The Celts at the British Museum

The Celts at the British Museum January 22, 2016

Last weekend, I saw the Gundestrup Cauldron. It was an amazing, powerful, beautiful experience. Seeing something that I’ve waited so long to see, something so old, and so powerful, of such exquisite craftsmanship. It was awesome. Cernunnos sitting there with his antlers and his snake, all beautiful and serene. And the embossed panels, and the tiny details like the embossed leaves, and the silver of at the bottom of the cauldron. Amazing. So sacred. And containing such a wide range of influences from different cultures.

The Gundestrup Cauldron - By Rosemania - http://www.flickr.com/photos/rosemania/4121249312, CC BY 2.0, https://commons.wikimedia.org/w/index.php?curid=9404289
Gundestrup, Denmark. 150-0 BC This cauldron is made from 13 silver plates. The hammered and gilded plates weigh almost 9 kg. On the outside, large deities are accompanied by small humans, animals and mythical creatures in pairs. Interior shows scenes populated with many figures, both human and animals. One of them shows a parade of warriors carrying a carnyx, a Celtic trumpet. Art of the Celts, Historic Museum of Bern. Photo by Rosemania, CC BY 2.0.

Yes, I know that the name Cernunnos is known only from one inscription, and we don’t know the name of the antlered deity on the Gundestrup Cauldron, but I chose to use his name rather than the more impersonal epithet “horned god”. And technically, it isn’t a cauldron – it was a feasting bowl rather than a cooking pot, but archaeologists refer to these vessels as cauldrons.

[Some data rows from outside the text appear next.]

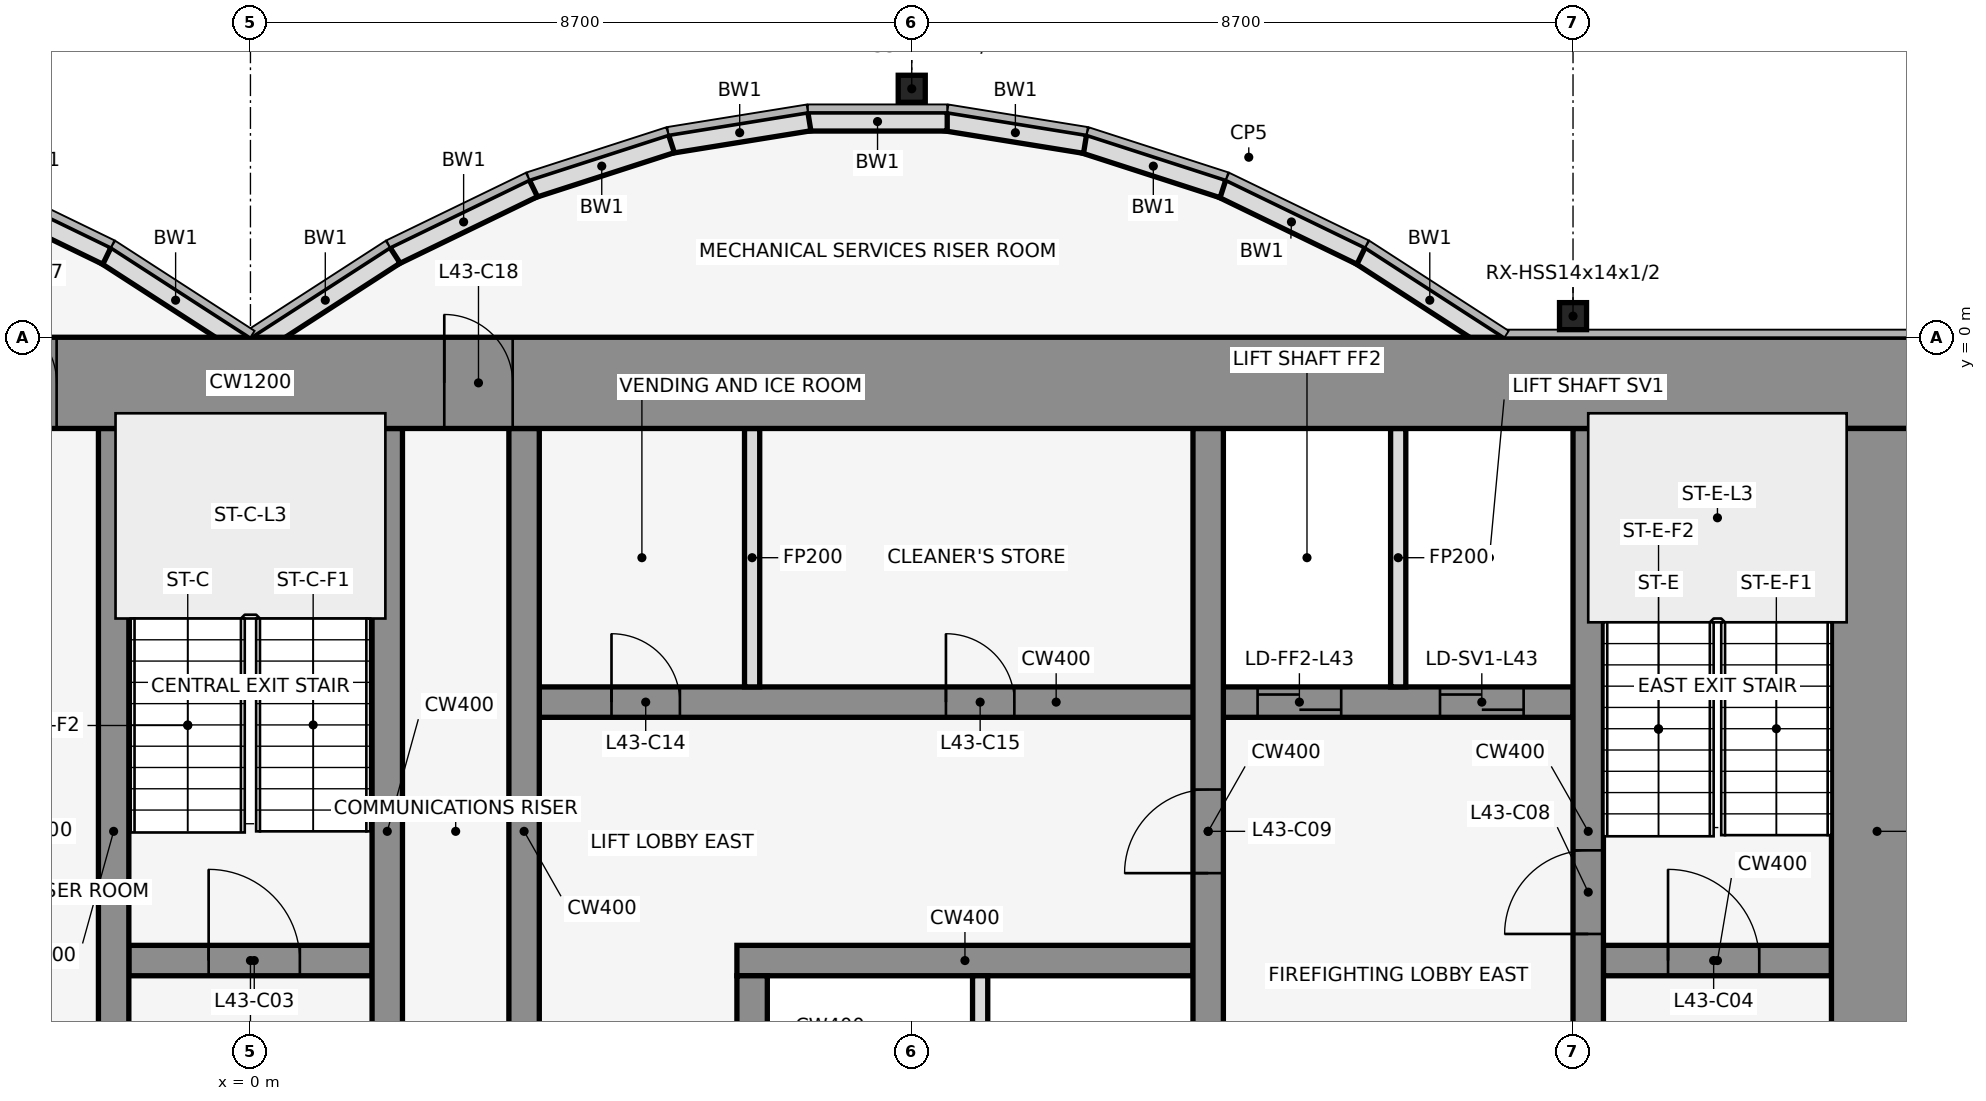
"""IFC4 building model, lengths in metres.
Left out: names, types, materials, properties, quantities, classifications, styles, units other than length and angle.
Written with IfcOpenShell. Run it as: python <this file> out.ifc"""

import sys

from ifc_helpers import new_model, si_unit, direction, frame, frame_2d, origin, origin_2d, place, context, subcontext, project, spatial, rectangle, hollow_rectangle, extrude, element, fill, save


model = new_model("IFC4")
c1 = context("Model", 3, precision=1e-05, world=origin(), true_north=direction((0.0, 1.0)))
c2 = subcontext(c1, "Body", "Model", "MODEL_VIEW")
j1 = project(units=[si_unit("LENGTHUNIT", "METRE"), si_unit("PLANEANGLEUNIT", "RADIAN")], contexts=[c1])
p1 = place(None, origin())
s1 = spatial("IfcSite", under=j1, at=p1, CompositionType="ELEMENT")
p2 = place(p1, origin())
s2 = spatial("IfcBuilding", under=s1, at=p2, CompositionType="ELEMENT")
p3 = place(p2, frame((0.0, 0.0, 195.0)))
s3 = spatial("IfcBuildingStorey", under=s2, at=p3, CompositionType="ELEMENT", Elevation=195.0)
for number, where, z_axis, x_axis in (
    (1, (8.7, 3.269, 0.0), (0.0, 0.0, 1.0), (1.0, 0.0, 0.0)),
    (2, (17.4, 0.278, 0.0), (0.0, 0.0, 1.0), (1.0, 0.0, 0.0)),
):
    element("IfcColumn", number, at=place(p3, frame(where, z_axis=z_axis, x_axis=x_axis)), inside=s3, PredefinedType="COLUMN", context=c2, shape_type="SweptSolid", body=[
        extrude(hollow_rectangle(XDim=0.356, YDim=0.356, WallThickness=0.012, at=origin_2d()), origin(), (0.0, 0.0, 1.0), 4.1),
    ])
p4 = place(p3, frame((16.432, -0.105, 0.0), z_axis=(0.0, 0.0, 1.0), x_axis=(-0.83981312244, 0.542875602121, 0.0)))
e3 = element("IfcWall", 3, at=p4, inside=s3, PredefinedType="STANDARD", context=c2, shape_type="SweptSolid", body=[
    extrude(rectangle(XDim=2.183, YDim=0.25, at=frame_2d((1.091, 0.0))), origin(), (0.0, 0.0, 1.0), 3.95),
])
p5 = place(p3, frame((14.612, 1.073, 0.0), z_axis=(0.0, 0.0, 1.0), x_axis=(-0.89982408427, 0.436252928206, 0.0)))
e4 = element("IfcWall", 4, at=p5, inside=s3, PredefinedType="STANDARD", context=c2, shape_type="SweptSolid", body=[
    extrude(rectangle(XDim=2.038, YDim=0.25, at=frame_2d((1.019, 0.0))), origin(), (0.0, 0.0, 1.0), 3.95),
])
p6 = place(p3, frame((12.795, 1.955, 0.0), z_axis=(0.0, 0.0, 1.0), x_axis=(-0.951495806175, 0.307661714928, 0.0)))
e5 = element("IfcWall", 5, at=p6, inside=s3, PredefinedType="STANDARD", context=c2, shape_type="SweptSolid", body=[
    extrude(rectangle(XDim=1.927, YDim=0.25, at=frame_2d((0.963, 0.0))), origin(), (0.0, 0.0, 1.0), 3.95),
])
p7 = place(p3, frame((10.98, 2.543, 0.0), z_axis=(0.0, 0.0, 1.0), x_axis=(-0.987181718931, 0.159600293885, 0.0)))
e6 = element("IfcWall", 6, at=p7, inside=s3, PredefinedType="STANDARD", context=c2, shape_type="SweptSolid", body=[
    extrude(rectangle(XDim=1.857, YDim=0.25, at=frame_2d((0.929, 0.0))), origin(), (0.0, 0.0, 1.0), 3.95),
])
p8 = place(p3, frame((9.167, 2.838, 0.0), z_axis=(0.0, 0.0, 1.0), x_axis=(-1.0, 0.0, 0.0)))
e7 = element("IfcWall", 7, at=p8, inside=s3, PredefinedType="STANDARD", context=c2, shape_type="SweptSolid", body=[
    extrude(rectangle(XDim=1.833, YDim=0.25, at=frame_2d((0.917, 0.0))), origin(), (0.0, 0.0, 1.0), 3.95),
])
p9 = place(p3, frame((7.353, 2.84, 0.0), z_axis=(0.0, 0.0, 1.0), x_axis=(-0.987181718931, -0.159600293885, 0.0)))
e8 = element("IfcWall", 8, at=p9, inside=s3, PredefinedType="STANDARD", context=c2, shape_type="SweptSolid", body=[
    extrude(rectangle(XDim=1.857, YDim=0.25, at=frame_2d((0.929, 0.0))), origin(), (0.0, 0.0, 1.0), 3.95),
])
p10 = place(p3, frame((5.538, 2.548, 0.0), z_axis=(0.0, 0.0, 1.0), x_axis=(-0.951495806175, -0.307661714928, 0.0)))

The Gundestrup Cauldron has been gracing the British Museum in London recently, as part of an exhibition entitled “The Celts: art and identity“. If you haven’t been able to get to it in London, it will be at the National Museum of Scotland from March 2016.

There were loads of other iconic objects in the exhibition too: the Basse-Yutz flagons, the Battersea Shield, the Wandsworth Shield, hoards of gold and silver torcs, some amazing deity statues. There was a bit of a lack of any attempt to set these items in context alongside everyday objects and how they were used – but the objects in the exhibition were really spectacular, and I would happily have paid £16.50 just to see the Gundestrup Cauldron, and the aim of the exhibition was to show how identity is expressed through art, not to show the everyday life of “Celtic” peoples. The music in the exhibition room was really annoying, but the ceiling hangings (apparently meant to represent the Northern Lights) were quite groovy.

Some people have rightly questioned the use of the word “Celts” in the title of the exhibition. However, the curators took care to problematise the term, to unpack it, and show how its meaning has changed over time – particularly in the context of the 19th century revival and the Celtic Twilight. Here’s an excerpt from the press release:

Today the word ‘Celtic’ is associated with the distinctive cultures, languages, music and traditions of Scotland, Ireland, Wales, Cornwall, Brittany and the Isle of Man. Yet the name Celts was first recorded thousands of years earlier, around 500 BC, when the ancient Greeks used it to refer to peoples living across a broad swathe of Europe north of the Alps. The Greeks saw these outsiders as barbarians, far removed from the civilised world of the Mediterranean. They left no written records of their own, but today archaeology is revealing new insights into how they lived. Modern research suggests that these were disparate groups rather than a single people, linked by their unique stylised art. This set them apart from the classical world, but their technological accomplishments stand on a par with the finest achievements of Greek and Roman artists.

The exhibition very clearly showed how the meaning of “Celt” changed over time – and how there is no single ethnic group that may be referred to as “Celtic”. Being “Celtic” has more to do with language and culture than it does with ethnicity or genetics.